Cereal Chem 56:310 - 313. | VIEW
ARTICLE
Grain Sorghum Condensed Tannins. I. Isolation, Estimation, and Selective Adsorption by Starch.
A. B. Davis and R. C. Hoseney. Copyright 1979 by the American Association of Cereal Chemists, Inc.
The biologically active condensed tannins and other polyphenolics were extracted from bird-resistant grain sorghum and methyl alcohol after preextraction of the whole grain with water-saturated butanol. The condensed tannins were separated from other polyphenolics with Sephadex LH-20; the polyphenolics were eluted with 95% ethyl alcohol and then the condensed tannins were eluted with 50% acetone.

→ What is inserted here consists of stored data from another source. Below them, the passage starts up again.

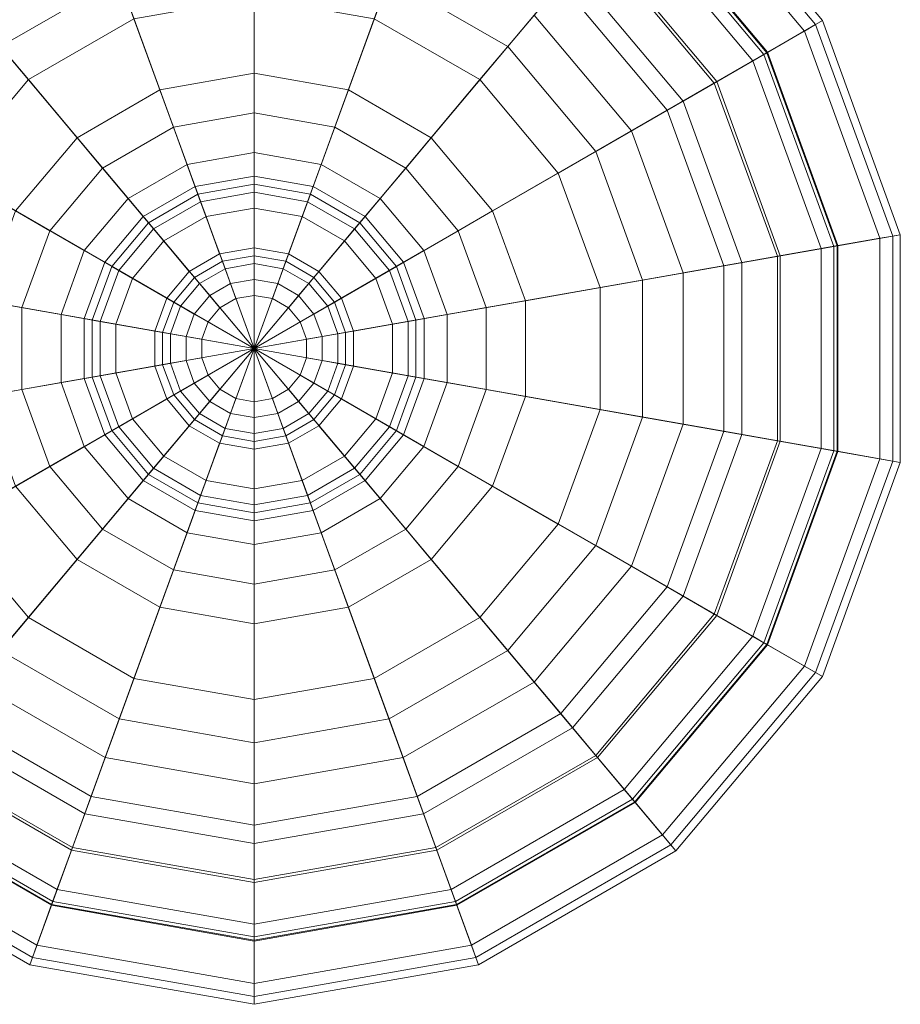
# Model space of a CAD drawing. Units: inches. Extents: x 375 to 1122, y 27 to 1069.
# Tile 14 of 155: x 729.198 to 731.015, y 267.095 to 269.129. Entities that reach past the tile are written whole.
import ezdxf

# ---------------------------------------------------------------- set-up
doc = ezdxf.new("R2010")
doc.units = ezdxf.units.IN
doc.layers.add('Furniture', color=30, linetype='Continuous', lineweight=18)

# ---------------------------------------------------------------- blocks, each defined once
blk = doc.blocks.new('A$C403C54AD')
for points in [[(1.940462, 1.15174, -0.060915), (1.946342, 1.118392, -0.057836), (1.946342, 1.118392, -0.057836), (1.929411, 1.147718, -0.060915)], [(1.941029, 1.148524, -0.057684), (1.940462, 1.15174, -0.060915), (1.929411, 1.147718, -0.060915), (1.931044, 1.144889, -0.057684)], [(1.952223, 1.15174, -0.060915), (1.946342, 1.118392, -0.057836), (1.946342, 1.118392, -0.057836), (1.940462, 1.15174, -0.060915)], [(1.951655, 1.148524, -0.057684), (1.952223, 1.15174, -0.060915), (1.940462, 1.15174, -0.060915), (1.941029, 1.148524, -0.057684)], [(1.963274, 1.147718, -0.060915), (1.946342, 1.118392, -0.057836), (1.946342, 1.118392, -0.057836), (1.952223, 1.15174, -0.060915)], [(1.961641, 1.144889, -0.057684), (1.963274, 1.147718, -0.060915), (1.952223, 1.15174, -0.060915), (1.951655, 1.148524, -0.057684)], [(1.941036, 1.148484, 0.102069), (1.940532, 1.151347, 0.088845), (1.929611, 1.147372, 0.088845), (1.931064, 1.144854, 0.102069)], [(1.940532, 1.151347, 0.088845), (1.940649, 1.150682, 0.060603), (1.929948, 1.146788, 0.060603), (1.929611, 1.147372, 0.088845)], [(1.951648, 1.148484, 0.102069), (1.952153, 1.151347, 0.088845), (1.940532, 1.151347, 0.088845), (1.941036, 1.148484, 0.102069)], [(1.952153, 1.151347, 0.088845), (1.952036, 1.150682, 0.060603), (1.940649, 1.150682, 0.060603), (1.940532, 1.151347, 0.088845)], [(1.96162, 1.144854, 0.102069), (1.963074, 1.147372, 0.088845), (1.952153, 1.151347, 0.088845), (1.951648, 1.148484, 0.102069)], [(1.963074, 1.147372, 0.088845), (1.962737, 1.146788, 0.060603), (1.952036, 1.150682, 0.060603), (1.952153, 1.151347, 0.088845)], [(1.940649, 1.150682, 0.060603), (1.94158, 1.145399, 0.042594), (1.932631, 1.142142, 0.042594), (1.929948, 1.146788, 0.060603)], [(1.952036, 1.150682, 0.060603), (1.951105, 1.145399, 0.042594), (1.94158, 1.145399, 0.042594), (1.940649, 1.150682, 0.060603)], [(1.962737, 1.146788, 0.060603), (1.960054, 1.142142, 0.042594), (1.951105, 1.145399, 0.042594), (1.952036, 1.150682, 0.060603)], [(1.943874, 1.13239, -0.054409), (1.941029, 1.148524, -0.057684), (1.931044, 1.144889, -0.057684), (1.939235, 1.130702, -0.054409)], [(1.941904, 1.143563, 0.111475), (1.941036, 1.148484, 0.102069), (1.931064, 1.144854, 0.102069), (1.933563, 1.140527, 0.111475)], [(1.941067, 1.148309, 0.088628), (1.941555, 1.145542, 0.101264), (1.932558, 1.142268, 0.101264), (1.931153, 1.144701, 0.088628)], [(1.941182, 1.147661, 0.061088), (1.941067, 1.148309, 0.088628), (1.931153, 1.144701, 0.088628), (1.931482, 1.144131, 0.061088)], [(1.948811, 1.13239, -0.054409), (1.951655, 1.148524, -0.057684), (1.941029, 1.148524, -0.057684), (1.943874, 1.13239, -0.054409)], [(1.950781, 1.143563, 0.111475), (1.951648, 1.148484, 0.102069), (1.941036, 1.148484, 0.102069), (1.941904, 1.143563, 0.111475)], [(1.951618, 1.148309, 0.088628), (1.95113, 1.145542, 0.101264), (1.941555, 1.145542, 0.101264), (1.941067, 1.148309, 0.088628)], [(1.951503, 1.147661, 0.061088), (1.951618, 1.148309, 0.088628), (1.941067, 1.148309, 0.088628), (1.941182, 1.147661, 0.061088)], [(1.95345, 1.130702, -0.054409), (1.961641, 1.144889, -0.057684), (1.951655, 1.148524, -0.057684), (1.948811, 1.13239, -0.054409)], [(1.959122, 1.140527, 0.111475), (1.96162, 1.144854, 0.102069), (1.951648, 1.148484, 0.102069), (1.950781, 1.143563, 0.111475)], [(1.961532, 1.144701, 0.088628), (1.960127, 1.142268, 0.101264), (1.95113, 1.145542, 0.101264), (1.951618, 1.148309, 0.088628)], [(1.961203, 1.144131, 0.061088), (1.961532, 1.144701, 0.088628), (1.951618, 1.148309, 0.088628), (1.951503, 1.147661, 0.061088)], [(1.929411, 1.147718, -0.060915), (1.946342, 1.118392, -0.057836), (1.946342, 1.118392, -0.057836), (1.920403, 1.140158, -0.060915)], [(1.931044, 1.144889, -0.057684), (1.929411, 1.147718, -0.060915), (1.920403, 1.140158, -0.060915), (1.922904, 1.138059, -0.057684)], [(1.942068, 1.142631, 0.043942), (1.941182, 1.147661, 0.061088), (1.931482, 1.144131, 0.061088), (1.934036, 1.139708, 0.043942)], [(1.950616, 1.142631, 0.043942), (1.951503, 1.147661, 0.061088), (1.941182, 1.147661, 0.061088), (1.942068, 1.142631, 0.043942)], [(1.972282, 1.140158, -0.060915), (1.946342, 1.118392, -0.057836), (1.946342, 1.118392, -0.057836), (1.963274, 1.147718, -0.060915)], [(1.958649, 1.139708, 0.043942), (1.961203, 1.144131, 0.061088), (1.951503, 1.147661, 0.061088), (1.950616, 1.142631, 0.043942)], [(1.969781, 1.138059, -0.057684), (1.972282, 1.140158, -0.060915), (1.963274, 1.147718, -0.060915), (1.961641, 1.144889, -0.057684)], [(1.931064, 1.144854, 0.102069), (1.929611, 1.147372, 0.088845), (1.920708, 1.139902, 0.088845), (1.922935, 1.138033, 0.102069)], [(1.929611, 1.147372, 0.088845), (1.929948, 1.146788, 0.060603), (1.921225, 1.139468, 0.060603), (1.920708, 1.139902, 0.088845)], [(1.96975, 1.138033, 0.102069), (1.971977, 1.139902, 0.088845), (1.963074, 1.147372, 0.088845), (1.96162, 1.144854, 0.102069)], [(1.971977, 1.139902, 0.088845), (1.97146, 1.139468, 0.060603), (1.962737, 1.146788, 0.060603), (1.963074, 1.147372, 0.088845)], [(1.929948, 1.146788, 0.060603), (1.932631, 1.142142, 0.042594), (1.925335, 1.13602, 0.042594), (1.921225, 1.139468, 0.060603)], [(1.97146, 1.139468, 0.060603), (1.96735, 1.13602, 0.042594), (1.960054, 1.142142, 0.042594), (1.962737, 1.146788, 0.060603)], [(1.941555, 1.145542, 0.101264), (1.942439, 1.140532, 0.111475), (1.935102, 1.137861, 0.111475), (1.932558, 1.142268, 0.101264)], [(1.95113, 1.145542, 0.101264), (1.950246, 1.140532, 0.111475), (1.942439, 1.140532, 0.111475), (1.941555, 1.145542, 0.101264)], [(1.960127, 1.142268, 0.101264), (1.957583, 1.137861, 0.111475), (1.950246, 1.140532, 0.111475), (1.95113, 1.145542, 0.101264)], [(1.94158, 1.145399, 0.042594), (1.942807, 1.13844, 0.032362), (1.936164, 1.136022, 0.032362), (1.932631, 1.142142, 0.042594)], [(1.951105, 1.145399, 0.042594), (1.949878, 1.13844, 0.032362), (1.942807, 1.13844, 0.032362), (1.94158, 1.145399, 0.042594)], [(1.960054, 1.142142, 0.042594), (1.956521, 1.136022, 0.032362), (1.949878, 1.13844, 0.032362), (1.951105, 1.145399, 0.042594)], [(1.939235, 1.130702, -0.054409), (1.931044, 1.144889, -0.057684), (1.922904, 1.138059, -0.057684), (1.935454, 1.127529, -0.054409)], [(1.933563, 1.140527, 0.111475), (1.931064, 1.144854, 0.102069), (1.922935, 1.138033, 0.102069), (1.926763, 1.134821, 0.111475)], [(1.931153, 1.144701, 0.088628), (1.932558, 1.142268, 0.101264), (1.925223, 1.136113, 0.101264), (1.923071, 1.137919, 0.088628)], [(1.931482, 1.144131, 0.061088), (1.931153, 1.144701, 0.088628), (1.923071, 1.137919, 0.088628), (1.923575, 1.137496, 0.061088)], [(1.957231, 1.127529, -0.054409), (1.969781, 1.138059, -0.057684), (1.961641, 1.144889, -0.057684), (1.95345, 1.130702, -0.054409)], [(1.965922, 1.134821, 0.111475), (1.96975, 1.138033, 0.102069), (1.96162, 1.144854, 0.102069), (1.959122, 1.140527, 0.111475)], [(1.969614, 1.137919, 0.088628), (1.967462, 1.136113, 0.101264), (1.960127, 1.142268, 0.101264), (1.961532, 1.144701, 0.088628)], [(1.96911, 1.137496, 0.061088), (1.969614, 1.137919, 0.088628), (1.961532, 1.144701, 0.088628), (1.961203, 1.144131, 0.061088)], [(1.934036, 1.139708, 0.043942), (1.931482, 1.144131, 0.061088), (1.923575, 1.137496, 0.061088), (1.927488, 1.134213, 0.043942)], [(1.965197, 1.134213, 0.043942), (1.96911, 1.137496, 0.061088), (1.961203, 1.144131, 0.061088), (1.958649, 1.139708, 0.043942)], [(1.942439, 1.140532, 0.111475), (1.941904, 1.143563, 0.111475), (1.933563, 1.140527, 0.111475), (1.935102, 1.137861, 0.111475)], [(1.950246, 1.140532, 0.111475), (1.950781, 1.143563, 0.111475), (1.941904, 1.143563, 0.111475), (1.942439, 1.140532, 0.111475)], [(1.957583, 1.137861, 0.111475), (1.959122, 1.140527, 0.111475), (1.950781, 1.143563, 0.111475), (1.950246, 1.140532, 0.111475)], [(1.943195, 1.136244, 0.03455), (1.942068, 1.142631, 0.043942), (1.934036, 1.139708, 0.043942), (1.937279, 1.134091, 0.03455)], [(1.94949, 1.136244, 0.03455), (1.950616, 1.142631, 0.043942), (1.942068, 1.142631, 0.043942), (1.943195, 1.136244, 0.03455)], [(1.955406, 1.134091, 0.03455), (1.958649, 1.139708, 0.043942), (1.950616, 1.142631, 0.043942), (1.94949, 1.136244, 0.03455)], [(1.932558, 1.142268, 0.101264), (1.935102, 1.137861, 0.111475), (1.929121, 1.132843, 0.111475), (1.925223, 1.136113, 0.101264)], [(1.932631, 1.142142, 0.042594), (1.936164, 1.136022, 0.032362), (1.930748, 1.131478, 0.032362), (1.925335, 1.13602, 0.042594)], [(1.96735, 1.13602, 0.042594), (1.961937, 1.131478, 0.032362), (1.956521, 1.136022, 0.032362), (1.960054, 1.142142, 0.042594)], [(1.967462, 1.136113, 0.101264), (1.963564, 1.132843, 0.111475), (1.957583, 1.137861, 0.111475), (1.960127, 1.142268, 0.101264)], [(1.935102, 1.137861, 0.111475), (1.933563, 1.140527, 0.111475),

A nonbird- resistant sample gave no condensed tannins by the above procedure. The phadebas alpha-amylase procedure used in conjunction with procine pancreatic alpha-amylase provided a simple, rapid, and reliable method for determinging the biologically active condensed tannins in both ground grain samples and extracted materials. The three varieties of bird-resistant grain sorghum differed little in terms of inhibition per unit weight of isolated condensed tannins. Condensed tannins isolated from three varieties of bird-resistant grain sorghum were absorbed by starch. The amount of tannins bound by starch varied both with the source of tannins and with the starch species. Data suggested the presence of at least two fractions in condensed tannins of grain sorghum; an alpha-amylase inhibiting fraction, which was absorbed on starch, and an inhibiting fraction, which was not absorbed on starch.